Sumaya Abdel Qader e i
“multiculturalisti” di “sinistra” naturalmente sono in buona compagnia,
il Papa, niente meno. Non solo il fondamentalista Karol Wojtyla e il
teologo della crociata contro la modernità Joseph Ratzinger, per i quali
l’aborto è “il genocidio del nostro tempo” (medici e infermieri che
rispettano la volontà della donna all’interruzione della maternità messi
moralmente sullo stesso piano di un Ss, del resto l’anatema di Wojtyla,
perché non vi fossero dubbi, fu pronunciato in Polonia a pochi
chilometri da Auschwitz), ma anche il buonissimo e apertissimo Francesco
che manda ormai in estasi fior di “laici” in debito di “Senso” e
marrani del valore fondante e irrinunciabile della sinistra,
l’eguaglianza sostanziale.
Ma questa convergenza, che vorrebbe le
fedi religiose come humus per la democrazia contro il pericolo
nichilista, e che ha affatturato anche pensatori un tempo di riferimento
come Habermas, non fa che rendere esplicita e improcrastinabile per
l’intera Europa (se ancora ha una chance di nascere) la necessità di
radicarsi in una laicità coerente e adamantina, quella “alla francese”,
rettificata anzi in alcune sue “concessioni” (scuole private, ad
esempio).
La democrazia per funzionare, infatti, e più che mai per
uscire dalla sua devastante crisi attuale, ha bisogno di decretare
l’ostracismo di Dio dalla sfera pubblica.

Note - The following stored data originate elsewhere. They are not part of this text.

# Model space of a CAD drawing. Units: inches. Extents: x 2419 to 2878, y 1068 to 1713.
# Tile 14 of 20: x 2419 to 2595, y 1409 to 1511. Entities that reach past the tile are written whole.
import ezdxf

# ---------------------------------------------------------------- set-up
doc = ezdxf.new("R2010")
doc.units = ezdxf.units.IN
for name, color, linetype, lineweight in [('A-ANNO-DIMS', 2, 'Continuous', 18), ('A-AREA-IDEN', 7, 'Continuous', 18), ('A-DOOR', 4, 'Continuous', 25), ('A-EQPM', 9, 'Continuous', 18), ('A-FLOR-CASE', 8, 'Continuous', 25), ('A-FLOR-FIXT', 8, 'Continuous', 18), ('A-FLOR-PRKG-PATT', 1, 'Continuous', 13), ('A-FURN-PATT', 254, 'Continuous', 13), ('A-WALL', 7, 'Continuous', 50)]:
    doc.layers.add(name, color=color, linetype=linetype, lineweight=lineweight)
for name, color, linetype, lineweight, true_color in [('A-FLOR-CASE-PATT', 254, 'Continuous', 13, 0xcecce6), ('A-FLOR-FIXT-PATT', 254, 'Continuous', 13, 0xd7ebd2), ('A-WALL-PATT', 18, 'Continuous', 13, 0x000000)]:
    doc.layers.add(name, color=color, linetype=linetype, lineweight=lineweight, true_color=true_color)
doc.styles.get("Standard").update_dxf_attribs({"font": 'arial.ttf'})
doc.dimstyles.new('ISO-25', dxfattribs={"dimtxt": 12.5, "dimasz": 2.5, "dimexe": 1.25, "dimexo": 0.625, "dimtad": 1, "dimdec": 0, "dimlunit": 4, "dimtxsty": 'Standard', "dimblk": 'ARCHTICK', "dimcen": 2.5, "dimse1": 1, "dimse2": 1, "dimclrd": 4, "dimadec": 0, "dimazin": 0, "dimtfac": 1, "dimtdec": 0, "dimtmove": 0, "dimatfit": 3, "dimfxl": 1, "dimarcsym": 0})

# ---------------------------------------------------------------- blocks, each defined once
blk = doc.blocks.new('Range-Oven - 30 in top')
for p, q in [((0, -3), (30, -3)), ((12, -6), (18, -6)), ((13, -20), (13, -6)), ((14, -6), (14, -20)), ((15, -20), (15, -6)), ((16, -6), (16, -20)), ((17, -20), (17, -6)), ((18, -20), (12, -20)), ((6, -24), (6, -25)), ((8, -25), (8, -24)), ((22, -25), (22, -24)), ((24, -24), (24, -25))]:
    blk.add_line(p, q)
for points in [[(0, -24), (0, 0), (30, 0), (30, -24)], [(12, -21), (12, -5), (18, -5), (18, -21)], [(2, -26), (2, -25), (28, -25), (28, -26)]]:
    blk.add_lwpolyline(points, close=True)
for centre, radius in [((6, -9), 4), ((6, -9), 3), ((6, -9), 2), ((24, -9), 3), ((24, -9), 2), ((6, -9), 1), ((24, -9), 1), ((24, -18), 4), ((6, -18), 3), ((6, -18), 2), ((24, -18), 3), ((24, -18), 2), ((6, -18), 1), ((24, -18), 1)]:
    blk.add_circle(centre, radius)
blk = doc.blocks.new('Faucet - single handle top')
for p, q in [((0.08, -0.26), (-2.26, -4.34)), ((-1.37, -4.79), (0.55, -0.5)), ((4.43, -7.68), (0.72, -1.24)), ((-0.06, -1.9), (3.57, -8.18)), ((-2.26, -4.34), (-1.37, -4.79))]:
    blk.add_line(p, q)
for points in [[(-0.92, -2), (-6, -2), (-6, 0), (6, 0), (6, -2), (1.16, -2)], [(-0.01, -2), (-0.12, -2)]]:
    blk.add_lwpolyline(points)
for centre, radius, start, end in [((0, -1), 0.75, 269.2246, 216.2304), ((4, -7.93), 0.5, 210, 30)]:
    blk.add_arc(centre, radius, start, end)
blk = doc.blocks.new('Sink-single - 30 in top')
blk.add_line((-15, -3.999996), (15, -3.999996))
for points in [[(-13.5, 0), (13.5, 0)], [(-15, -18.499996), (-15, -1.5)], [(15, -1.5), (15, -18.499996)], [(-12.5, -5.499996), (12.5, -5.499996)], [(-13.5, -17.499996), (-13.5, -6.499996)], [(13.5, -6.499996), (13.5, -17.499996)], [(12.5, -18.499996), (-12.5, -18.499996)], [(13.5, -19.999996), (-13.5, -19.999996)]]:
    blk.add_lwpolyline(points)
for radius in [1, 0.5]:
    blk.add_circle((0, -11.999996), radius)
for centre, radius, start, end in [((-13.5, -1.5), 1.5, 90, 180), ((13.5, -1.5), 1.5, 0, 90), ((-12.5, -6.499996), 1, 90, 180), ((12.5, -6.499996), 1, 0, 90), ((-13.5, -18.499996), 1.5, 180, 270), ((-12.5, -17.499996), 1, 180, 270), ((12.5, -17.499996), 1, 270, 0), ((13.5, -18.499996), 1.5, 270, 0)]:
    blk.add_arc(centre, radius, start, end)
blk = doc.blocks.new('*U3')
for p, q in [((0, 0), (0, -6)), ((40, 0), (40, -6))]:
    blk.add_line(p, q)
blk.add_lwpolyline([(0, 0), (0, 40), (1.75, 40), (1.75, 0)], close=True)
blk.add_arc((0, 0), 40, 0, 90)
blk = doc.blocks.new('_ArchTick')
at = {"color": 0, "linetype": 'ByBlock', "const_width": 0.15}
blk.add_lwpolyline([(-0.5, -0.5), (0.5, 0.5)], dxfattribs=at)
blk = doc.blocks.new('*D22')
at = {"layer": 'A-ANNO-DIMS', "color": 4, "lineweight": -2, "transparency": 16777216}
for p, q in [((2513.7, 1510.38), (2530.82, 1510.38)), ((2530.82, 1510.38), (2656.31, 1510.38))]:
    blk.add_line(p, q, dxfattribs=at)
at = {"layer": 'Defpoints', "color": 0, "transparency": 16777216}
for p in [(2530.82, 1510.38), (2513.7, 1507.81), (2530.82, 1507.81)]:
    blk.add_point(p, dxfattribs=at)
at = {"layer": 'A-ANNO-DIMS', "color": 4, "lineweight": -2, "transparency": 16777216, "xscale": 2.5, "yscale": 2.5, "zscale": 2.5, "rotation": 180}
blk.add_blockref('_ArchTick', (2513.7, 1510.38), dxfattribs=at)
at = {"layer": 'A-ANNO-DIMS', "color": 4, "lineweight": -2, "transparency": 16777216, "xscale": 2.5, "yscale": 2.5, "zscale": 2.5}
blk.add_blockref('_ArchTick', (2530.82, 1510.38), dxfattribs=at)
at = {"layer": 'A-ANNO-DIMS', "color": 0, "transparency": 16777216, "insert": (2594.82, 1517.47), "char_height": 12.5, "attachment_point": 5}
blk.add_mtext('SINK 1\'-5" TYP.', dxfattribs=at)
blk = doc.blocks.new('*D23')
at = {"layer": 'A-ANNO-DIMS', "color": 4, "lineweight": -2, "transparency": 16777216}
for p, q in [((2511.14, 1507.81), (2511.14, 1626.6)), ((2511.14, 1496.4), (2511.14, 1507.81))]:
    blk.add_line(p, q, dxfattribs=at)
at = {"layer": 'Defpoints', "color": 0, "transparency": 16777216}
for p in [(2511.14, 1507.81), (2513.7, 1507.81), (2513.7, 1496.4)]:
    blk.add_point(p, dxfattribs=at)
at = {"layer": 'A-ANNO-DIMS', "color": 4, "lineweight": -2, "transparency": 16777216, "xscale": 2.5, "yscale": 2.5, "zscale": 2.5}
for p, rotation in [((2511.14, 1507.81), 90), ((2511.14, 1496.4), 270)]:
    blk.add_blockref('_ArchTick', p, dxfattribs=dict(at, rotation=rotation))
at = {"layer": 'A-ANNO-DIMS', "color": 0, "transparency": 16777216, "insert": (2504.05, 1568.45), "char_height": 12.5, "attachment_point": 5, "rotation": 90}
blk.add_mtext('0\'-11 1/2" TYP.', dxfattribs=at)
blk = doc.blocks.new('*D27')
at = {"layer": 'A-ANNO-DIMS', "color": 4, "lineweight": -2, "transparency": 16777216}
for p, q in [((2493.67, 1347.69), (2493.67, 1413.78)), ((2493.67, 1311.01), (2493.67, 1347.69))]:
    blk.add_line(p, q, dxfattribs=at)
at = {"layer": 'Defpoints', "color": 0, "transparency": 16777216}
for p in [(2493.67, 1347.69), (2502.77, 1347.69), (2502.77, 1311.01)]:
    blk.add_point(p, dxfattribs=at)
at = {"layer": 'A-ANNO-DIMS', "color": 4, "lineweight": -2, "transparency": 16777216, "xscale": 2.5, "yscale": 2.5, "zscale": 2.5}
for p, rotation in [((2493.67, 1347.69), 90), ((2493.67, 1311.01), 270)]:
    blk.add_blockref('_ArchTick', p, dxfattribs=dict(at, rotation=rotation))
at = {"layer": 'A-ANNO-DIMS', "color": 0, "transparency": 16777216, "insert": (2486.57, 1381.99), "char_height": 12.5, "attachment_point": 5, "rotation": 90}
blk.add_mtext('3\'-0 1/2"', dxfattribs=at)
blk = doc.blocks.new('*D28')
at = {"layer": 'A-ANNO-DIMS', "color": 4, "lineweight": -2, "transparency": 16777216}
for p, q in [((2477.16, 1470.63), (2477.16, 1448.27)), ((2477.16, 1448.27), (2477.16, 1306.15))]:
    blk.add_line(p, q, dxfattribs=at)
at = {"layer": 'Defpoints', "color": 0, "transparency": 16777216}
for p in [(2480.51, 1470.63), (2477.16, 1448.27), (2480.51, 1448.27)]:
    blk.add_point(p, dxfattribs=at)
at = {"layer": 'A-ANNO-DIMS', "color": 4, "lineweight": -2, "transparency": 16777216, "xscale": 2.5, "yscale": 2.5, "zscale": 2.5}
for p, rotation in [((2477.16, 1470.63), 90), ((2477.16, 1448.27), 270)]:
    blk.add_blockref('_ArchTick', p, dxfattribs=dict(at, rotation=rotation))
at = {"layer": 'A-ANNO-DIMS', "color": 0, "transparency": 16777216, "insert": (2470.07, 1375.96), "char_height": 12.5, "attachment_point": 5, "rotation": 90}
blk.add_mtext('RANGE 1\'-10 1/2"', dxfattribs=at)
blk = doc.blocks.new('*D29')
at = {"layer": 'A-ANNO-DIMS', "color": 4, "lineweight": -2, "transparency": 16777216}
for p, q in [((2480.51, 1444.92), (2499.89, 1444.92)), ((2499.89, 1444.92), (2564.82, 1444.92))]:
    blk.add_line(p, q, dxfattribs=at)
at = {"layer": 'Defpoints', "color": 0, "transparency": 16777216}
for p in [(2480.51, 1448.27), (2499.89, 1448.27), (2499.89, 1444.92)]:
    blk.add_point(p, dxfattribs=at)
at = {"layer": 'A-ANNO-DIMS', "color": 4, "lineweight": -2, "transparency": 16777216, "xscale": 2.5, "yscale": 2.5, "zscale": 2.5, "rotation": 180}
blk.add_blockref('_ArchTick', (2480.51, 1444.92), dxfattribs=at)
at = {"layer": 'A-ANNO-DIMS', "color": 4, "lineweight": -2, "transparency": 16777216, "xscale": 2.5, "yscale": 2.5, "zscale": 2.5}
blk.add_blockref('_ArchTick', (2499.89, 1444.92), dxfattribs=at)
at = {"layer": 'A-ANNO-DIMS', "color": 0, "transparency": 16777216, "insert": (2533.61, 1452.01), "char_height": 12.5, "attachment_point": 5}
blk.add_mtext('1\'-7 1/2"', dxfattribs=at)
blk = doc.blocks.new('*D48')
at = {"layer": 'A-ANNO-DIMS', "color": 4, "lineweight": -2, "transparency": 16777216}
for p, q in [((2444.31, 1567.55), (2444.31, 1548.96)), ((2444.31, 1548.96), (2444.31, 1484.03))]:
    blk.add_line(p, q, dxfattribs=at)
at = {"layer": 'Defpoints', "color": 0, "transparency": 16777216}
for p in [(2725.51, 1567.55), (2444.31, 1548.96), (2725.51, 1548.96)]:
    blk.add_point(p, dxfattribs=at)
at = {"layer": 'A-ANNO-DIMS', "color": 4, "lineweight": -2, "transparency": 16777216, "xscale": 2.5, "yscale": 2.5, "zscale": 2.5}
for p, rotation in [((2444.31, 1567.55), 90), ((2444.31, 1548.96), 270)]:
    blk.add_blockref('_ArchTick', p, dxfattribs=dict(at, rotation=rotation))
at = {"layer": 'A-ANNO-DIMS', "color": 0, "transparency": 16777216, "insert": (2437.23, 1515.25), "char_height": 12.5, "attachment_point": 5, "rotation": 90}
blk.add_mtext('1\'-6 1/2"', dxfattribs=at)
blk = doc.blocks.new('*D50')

Valga il vero.
L’eguale
sovranità non consiste nella mera conta delle volontà, ma
nell’argomentazione reciproca con cui i cittadini mettono capo alla
decisione della legge attraverso la scelta dei loro rappresentanti. Se
la sfera pubblica si riduce alla semplice conta di volontà irrelate e
non vincolate al dovere di “fornire ragioni”, il terreno è già fertile
perché si passi dal “perché sì” del voto al “perché sì” del manganello.
Un cittadino, e un politico, devono argomentare le proprie scelte,
condizione pregiudiziale (benché non sufficiente) per essere tutti
concittadini. Ma ogni argomento-Dio nega il dialogo, è autoreferenziale,
ne esclude i non credenti o i diversamente credenti, ecco perché il
ricorso alla fede non deve avere spazio nella sfera pubblica. Solo i
fatti accertati, la logica, e i valori fondamentali della Costituzione
(per la nostra, nata dalla Resistenza, suonano “giustizia e libertà”).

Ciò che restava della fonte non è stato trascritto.